Published online Dec 24, 2009. doi:  10.1093/cercor/bhp268
PMCID: PMC2901022

Sensitivity of Human Visual and Vestibular Cortical Regions to Egomotion-Compatible Visual Stimulation

Abstract

The analysis and representation of visual cues to self-motion (egomotion) is primarily associated with cortical areas MST, VIP, and (recently) cingulate sulcus visual area (CSv). Various other areas, including visual areas V6 and V6A, and vestibular areas parietoinsular vestibular cortex (PIVC), putative area 2v (p2v), and 3aNv, are also potentially suited to processing egomotion (in some cases based on multisensory cues), but it is not known whether they are in fact involved in this process. In a functional magnetic resonance imaging (fMRI) experiment, we presented human participants with 2 types of random dot kinematograms. Both contained coherent motion but one simulated egomotion while the other did not.
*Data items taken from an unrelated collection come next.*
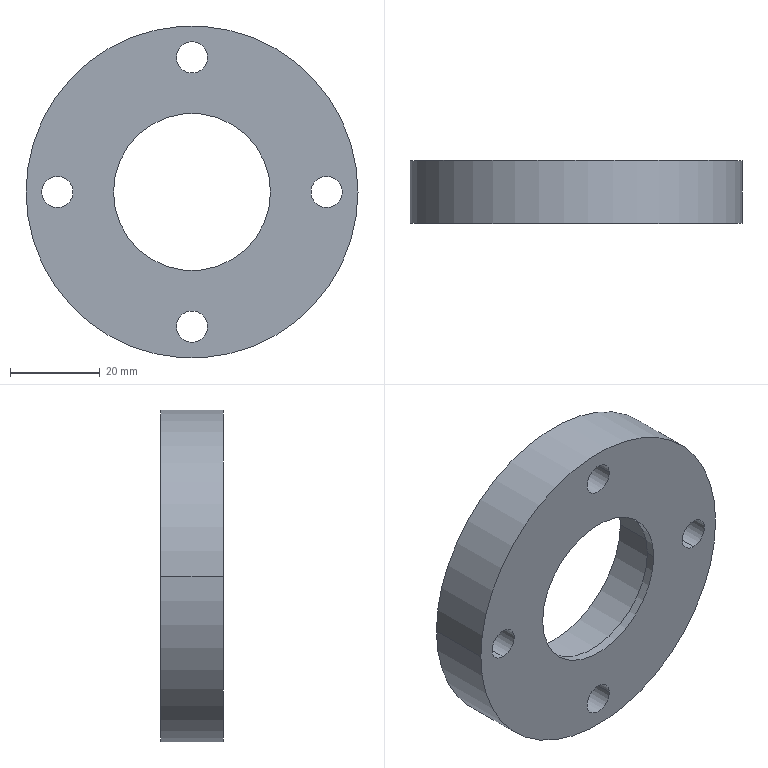Component | SolidWorks | -6004BearingHousing-1 | 1 solid | 29 faces | box 74 x 14 x 74 mm | volume 38150 mm3 | cylinder 22 | plane 7 | commonest cylinder face diameters 11 x8 7 x8 74 x2 42 x2 35 x2
build123d program:
from build123d import *

# Parameters (mm, degrees)
CYLINDRICAL_COUNTERSUNK_HOLE_FOR_M6_HEX_D           = 7
CYLINDRICAL_COUNTERSUNK_HOLE_FOR_M6_HEX_CBORE_D     = 11
CYLINDRICAL_COUNTERSUNK_HOLE_FOR_M6_HEX_CBORE_DEPTH = 6
CIRPATTERN1_COUNT                                   = 4


with BuildPart() as part:
    # Sketch1 → Revolve1 (revolve)
    with BuildSketch(Plane.XY):
        Polygon((17.5, 0), (17.5, 2), (21, 2), (21, 14), (37, 14), (37, 0), align=None)
    revolve(axis=Axis((0, -515.921, 0), (0, 1, 0)))

    # Cylindrical Countersunk Hole for M6 Hex (through all)
    with Locations(Plane(origin=(0, 14, 0), x_dir=(1, 0, 0), z_dir=(0, 1, 0))):
        with Locations((-30, 0)):
            cylindrical_countersunk_hole_for_m6_hex = CounterBoreHole(CYLINDRICAL_COUNTERSUNK_HOLE_FOR_M6_HEX_D / 2, CYLINDRICAL_COUNTERSUNK_HOLE_FOR_M6_HEX_CBORE_D / 2, CYLINDRICAL_COUNTERSUNK_HOLE_FOR_M6_HEX_CBORE_DEPTH)

    # CirPattern1: Cylindrical Countersunk Hole for M6 Hex ×4 about axis
    cirpattern1_axis = Axis((0, 0, 0), (0, 1, 0))
    for i in range(1, CIRPATTERN1_COUNT):
        add(cylindrical_countersunk_hole_for_m6_hex.rotate(cirpattern1_axis, i * 360 / CIRPATTERN1_COUNT), mode=Mode.SUBTRACT)


solid = part.part

# Placed as in the assembly
solid = solid.moved(Location((205, 1451, -173), (0, 0, 0)))
STEP:
#1=CARTESIAN_POINT('',(7.854,57.441,-5.63));
#2=VERTEX_POINT('',#1);
#3=CARTESIAN_POINT('',(8.287,57.441,-5.63));
#4=VERTEX_POINT('',#3);
#5=CARTESIAN_POINT('',(8.071,57.441,-5.63));
#6=DIRECTION('',(-0.,1.,-0.));
#7=DIRECTION('',(1.,0.,0.));
#8=AXIS2_PLACEMENT_3D('',#5,#6,#7);
#9=CIRCLE('',#8,0.2165);
#10=EDGE_CURVE('',#2,#4,#9,.T.);
#11=ORIENTED_EDGE('',*,*,#10,.F.);
#12=CARTESIAN_POINT('',(7.854,57.677,-5.63));
#13=VERTEX_POINT('',#12);
#14=CARTESIAN_POINT('',(7.854,57.677,-5.63));
#15=DIRECTION('',(-0.,1.,-0.));
#16=VECTOR('',#15,39.37);
#17=LINE('',#14,#16);
#18=EDGE_CURVE('',#2,#13,#17,.T.);
#19=ORIENTED_EDGE('',*,*,#18,.T.);
#20=CARTESIAN_POINT('',(8.287,57.677,-5.63));
#21=VERTEX_POINT('',#20);
#22=CARTESIAN_POINT('',(8.071,57.677,-5.63));
#23=DIRECTION('',(-0.,1.,-0.));
#24=DIRECTION('',(1.,0.,0.));
#25=AXIS2_PLACEMENT_3D('',#22,#23,#24);
#26=CIRCLE('',#25,0.2165);
#27=EDGE_CURVE('',#13,#21,#26,.T.);
#28=ORIENTED_EDGE('',*,*,#27,.T.);
#29=CARTESIAN_POINT('',(8.287,57.677,-5.63));
#30=DIRECTION('',(-0.,1.,-0.));
#31=VECTOR('',#30,39.37);
#32=LINE('',#29,#31);
#33=EDGE_CURVE('',#4,#21,#32,.T.);
#34=ORIENTED_EDGE('',*,*,#33,.F.);
#35=EDGE_LOOP('',(#11,#19,#28,#34));
#36=FACE_OUTER_BOUND('',#35,.T.);
#37=CARTESIAN_POINT('',(8.071,57.677,-5.63));
#38=DIRECTION('',(-0.,1.,-0.));
#39=DIRECTION('',(1.,0.,0.));
#40=AXIS2_PLACEMENT_3D('',#37,#38,#39);
#41=CYLINDRICAL_SURFACE('',#40,0.2165);
#42=ADVANCED_FACE('',(#36),#41,.F.);
#43=CARTESIAN_POINT('',(7.933,57.126,-5.63));
#44=VERTEX_POINT('',#43);
#45=CARTESIAN_POINT('',(8.209,57.126,-5.63));
#46=VERTEX_POINT('',#45);
#47=CARTESIAN_POINT('',(8.071,57.126,-5.63));
#48=DIRECTION('',(-0.,1.,-0.));
#49=DIRECTION('',(1.,0.,0.));
#50=AXIS2_PLACEMENT_3D('',#47,#48,#49);
#51=CIRCLE('',#50,0.1378);
#52=EDGE_CURVE('',#44,#46,#51,.T.);
#53=ORIENTED_EDGE('',*,*,#52,.F.);
#54=CARTESIAN_POINT('',(7.933,57.441,-5.63));
#55=VERTEX_POINT('',#54);
#56=CARTESIAN_POINT('',(7.933,57.677,-5.63));
#57=DIRECTION('',(-0.,1.,-0.));
#58=VECTOR('',#57,39.37);
#59=LINE('',#56,#58);
#60=EDGE_CURVE('',#44,#55,#59,.T.);
#61=ORIENTED_EDGE('',*,*,#60,.T.);
#62=CARTESIAN_POINT('',(8.209,57.441,-5.63));
#63=VERTEX_POINT('',#62);
#64=CARTESIAN_POINT('',(8.071,57.441,-5.63));
#65=DIRECTION('',(-0.,1.,-0.));
#66=DIRECTION('',(1.,0.,0.));
#67=AXIS2_PLACEMENT_3D('',#64,#65,#66);
#68=CIRCLE('',#67,0.1378);
#69=EDGE_CURVE('',#55,#63,#68,.T.);
#70=ORIENTED_EDGE('',*,*,#69,.T.);
#71=CARTESIAN_POINT('',(8.209,57.677,-5.63));
#72=DIRECTION('',(-0.,1.,-0.));
#73=VECTOR('',#72,39.37);
#74=LINE('',#71,#73);
#75=EDGE_CURVE('',#46,#63,#74,.T.);
#76=ORIENTED_EDGE('',*,*,#75,.F.);
#77=EDGE_LOOP('',(#53,#61,#70,#76));
#78=FACE_OUTER_BOUND('',#77,.T.);
#79=CARTESIAN_POINT('',(8.071,57.677,-5.63));
#80=DIRECTION('',(-0.,1.,-0.));
#81=DIRECTION('',(1.,0.,0.));
#82=AXIS2_PLACEMENT_3D('',#79,#80,#81);
#83=CYLINDRICAL_SURFACE('',#82,0.1378);
#84=ADVANCED_FACE('',(#78),#83,.F.);
#85=CARTESIAN_POINT('',(9.252,57.441,-6.594));
#86=VERTEX_POINT('',#85);
#87=CARTESIAN_POINT('',(9.252,57.441,-7.028));
#88=VERTEX_POINT('',#87);
#89=CARTESIAN_POINT('',(9.252,57.441,-6.811));
#90=DIRECTION('',(-0.,1.,0.));
#91=DIRECTION('',(0.,0.,-1.));
#92=AXIS2_PLACEMENT_3D('',#89,#90,#91);
#93=CIRCLE('',#92,0.2165);
#94=EDGE_CURVE('',#86,#88,#93,.T.);
#95=ORIENTED_EDGE('',*,*,#94,.F.);
#96=CARTESIAN_POINT('',(9.252,57.677,-6.594));
#97=VERTEX_POINT('',#96);
#98=CARTESIAN_POINT('',(9.252,57.677,-6.594));
#99=DIRECTION('',(-0.,1.,0.));
#100=VECTOR('',#99,39.37);
#101=LINE('',#98,#100);
#102=EDGE_CURVE('',#86,#97,#101,.T.);
#103=ORIENTED_EDGE('',*,*,#102,.T.);
#104=CARTESIAN_POINT('',(9.252,57.677,-7.028));
#105=VERTEX_POINT('',#104);
#106=CARTESIAN_POINT('',(9.252,57.677,-6.811));
#107=DIRECTION('',(-0.,1.,0.));
#108=DIRECTION('',(0.,0.,-1.));
#109=AXIS2_PLACEMENT_3D('',#106,#107,#108);
#110=CIRCLE('',#109,0.2165);
#111=EDGE_CURVE('',#97,#105,#110,.T.);
#112=ORIENTED_EDGE('',*,*,#111,.T.);
#113=CARTESIAN_POINT('',(9.252,57.677,-7.028));
#114=DIRECTION('',(-0.,1.,0.));
#115=VECTOR('',#114,39.37);
#116=LINE('',#113,#115);
#117=EDGE_CURVE('',#88,#105,#116,.T.);
#118=ORIENTED_EDGE('',*,*,#117,.F.);
#119=EDGE_LOOP('',(#95,#103,#112,#118));
#120=FACE_OUTER_BOUND('',#119,.T.);
#121=CARTESIAN_POINT('',(9.252,57.677,-6.811));
#122=DIRECTION('',(-0.,1.,0.));
#123=DIRECTION('',(0.,0.,-1.));
#124=AXIS2_PLACEMENT_3D('',#121,#122,#123);
#125=CYLINDRICAL_SURFACE('',#124,0.2165);
#126=ADVANCED_FACE('',(#120),#125,.F.);
#127=CARTESIAN_POINT('',(9.252,57.126,-6.673));
#128=VERTEX_POINT('',#127);
#129=CARTESIAN_POINT('',(9.252,57.126,-6.949));
#130=VERTEX_POINT('',#129);
#131=CARTESIAN_POINT('',(9.252,57.126,-6.811));
#132=DIRECTION('',(-0.,1.,0.));
#133=DIRECTION('',(0.,0.,-1.));
#134=AXIS2_PLACEMENT_3D('',#131,#132,#133);
#135=CIRCLE('',#134,0.1378);
#136=EDGE_CURVE('',#128,#130,#135,.T.);
#137=ORIENTED_EDGE('',*,*,#136,.F.);
#138=CARTESIAN_POINT('',(9.252,57.441,-6.673));
#139=VERTEX_POINT('',#138);
#140=CARTESIAN_POINT('',(9.252,57.677,-6.673));
#141=DIRECTION('',(-0.,1.,0.));
#142=VECTOR('',#141,39.37);
#143=LINE('',#140,#142);
#144=EDGE_CURVE('',#128,#139,#143,.T.);
#145=ORIENTED_EDGE('',*,*,#144,.T.);
#146=CARTESIAN_POINT('',(9.252,57.441,-6.949));
#147=VERTEX_POINT('',#146);
#148=CARTESIAN_POINT('',(9.252,57.441,-6.811));
#149=DIRECTION('',(-0.,1.,0.));
#150=DIRECTION('',(0.,0.,-1.));
#151=AXIS2_PLACEMENT_3D('',#148,#149,#150);
#152=CIRCLE('',#151,0.1378);
#153=EDGE_CURVE('',#139,#147,#152,.T.);
#154=ORIENTED_EDGE('',*,*,#153,.T.);
#155=CARTESIAN_POINT('',(9.252,57.677,-6.949));
#156=DIRECTION('',(-0.,1.,0.));
#157=VECTOR('',#156,39.37);
#158=LINE('',#155,#157);
#159=EDGE_CURVE('',#130,#147,#158,.T.);
#160=ORIENTED_EDGE('',*,*,#159,.F.);
#161=EDGE_LOOP('',(#137,#145,#154,#160));
#162=FACE_OUTER_BOUND('',#161,.T.);
#163=CARTESIAN_POINT('',(9.252,57.677,-6.811));
#164=DIRECTION('',(-0.,1.,0.));
#165=DIRECTION('',(0.,0.,-1.));
#166=AXIS2_PLACEMENT_3D('',#163,#164,#165);
#167=CYLINDRICAL_SURFACE('',#166,0.1378);
#168=ADVANCED_FACE('',(#162),#167,.F.);
#169=CARTESIAN_POINT('',(8.287,57.441,-7.992));
#170=VERTEX_POINT('',#169);
#171=CARTESIAN_POINT('',(7.854,57.441,-7.992));
#172=VERTEX_POINT('',#171);
#173=CARTESIAN_POINT('',(8.071,57.441,-7.992));
#174=DIRECTION('',(-0.,1.,0.));
#175=DIRECTION('',(-1.,0.,-0.));
#176=AXIS2_PLACEMENT_3D('',#173,#174,#175);
#177=CIRCLE('',#176,0.2165);
#178=EDGE_CURVE('',#170,#172,#177,.T.);
#179=ORIENTED_EDGE('',*,*,#178,.F.);
#180=CARTESIAN_POINT('',(8.287,57.677,-7.992));
#181=VERTEX_POINT('',#180);
#182=CARTESIAN_POINT('',(8.287,57.677,-7.992));
#183=DIRECTION('',(-0.,1.,0.));
#184=VECTOR('',#183,39.37);
#185=LINE('',#182,#184);
#186=EDGE_CURVE('',#170,#181,#185,.T.);
#187=ORIENTED_EDGE('',*,*,#186,.T.);
#188=CARTESIAN_POINT('',(7.854,57.677,-7.992));
#189=VERTEX_POINT('',#188);
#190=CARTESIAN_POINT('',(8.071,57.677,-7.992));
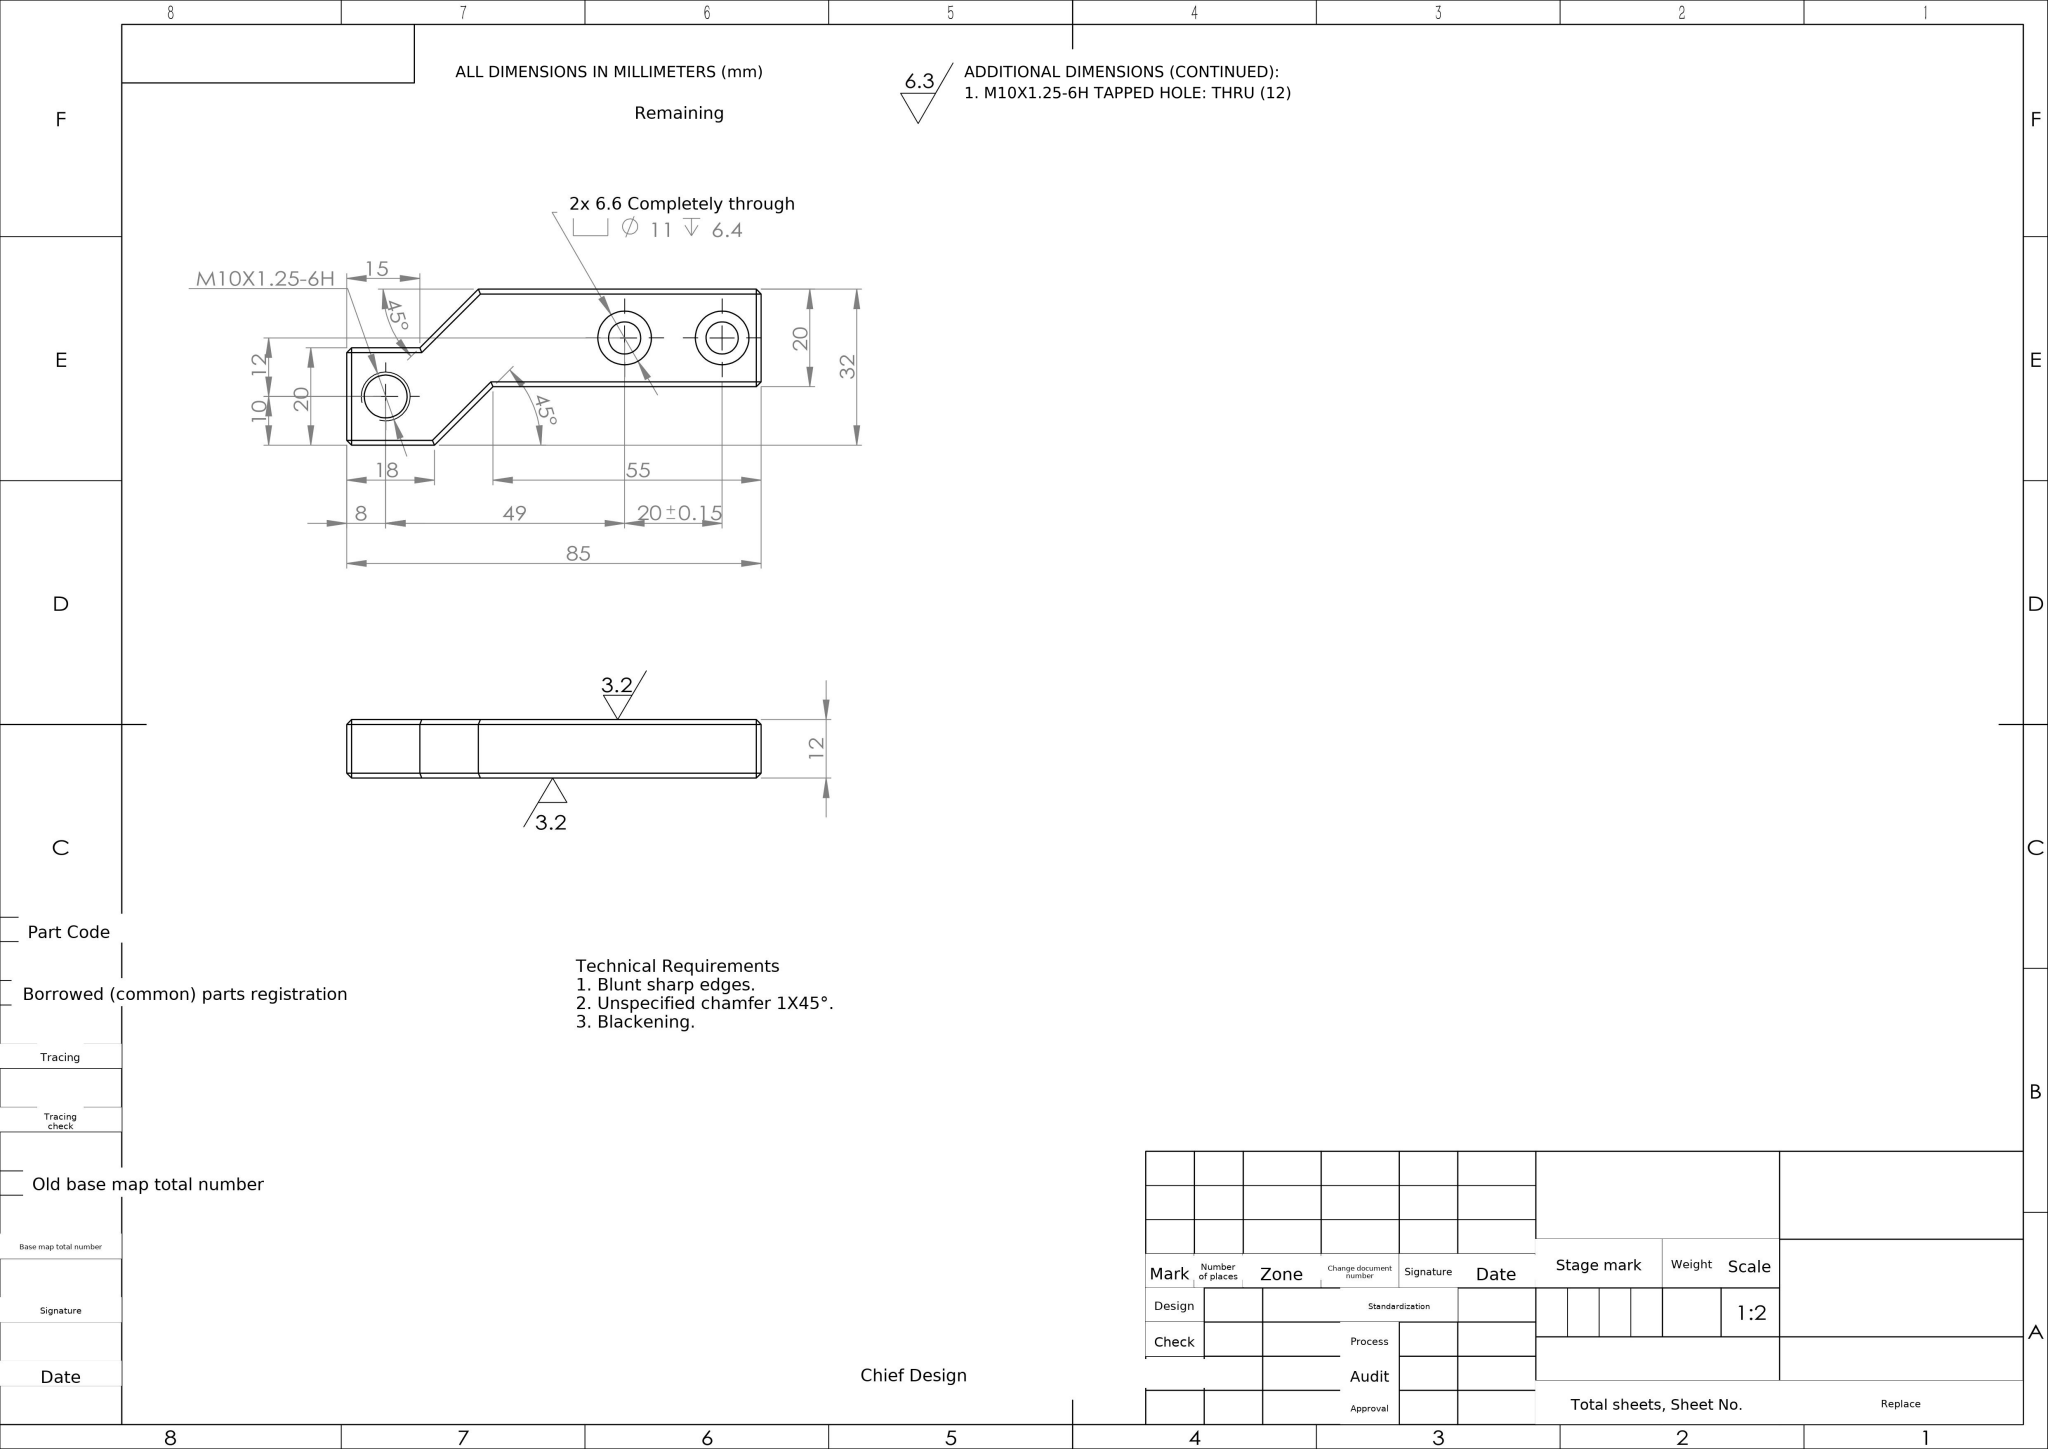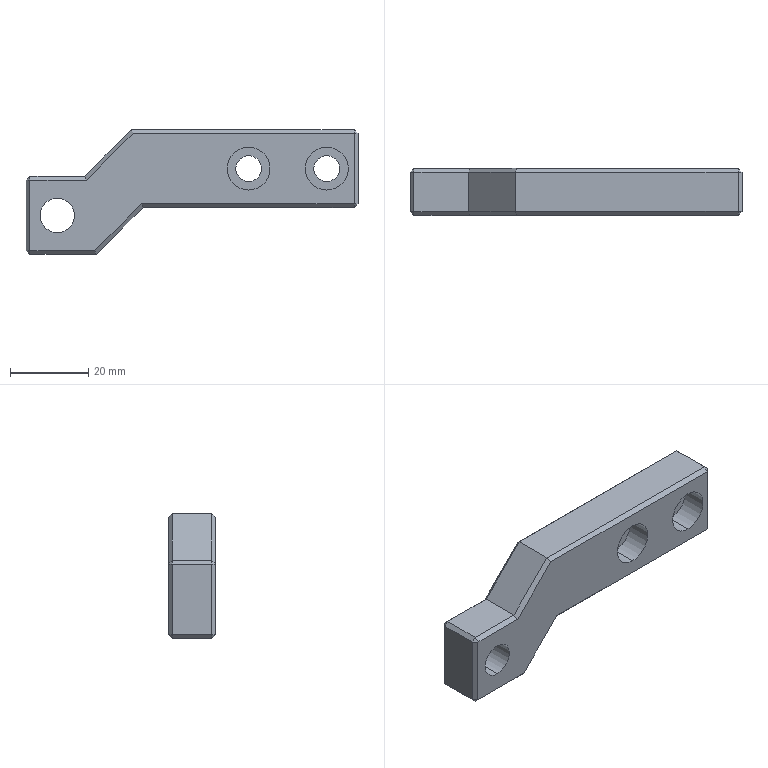Part | NX | mm | 1 solid | 50 faces | box 85 x 12 x 32 mm | volume 18264 mm3 | plane 40 | cylinder 10 | commonest cylinder face diameters 11 x4 6.6 x4 8.8 x2

An area in the parieto-occipital sulcus that may correspond to V6, PIVC, and p2v were all differentially responsive to egomotion-compatible visual stimuli, suggesting that they may be involved in encoding egomotion. More generally, we show that the use of such stimuli provides a simple and reliable fMRI localizer for human PIVC and p2v, which hitherto required galvanic or caloric stimulation to be identified.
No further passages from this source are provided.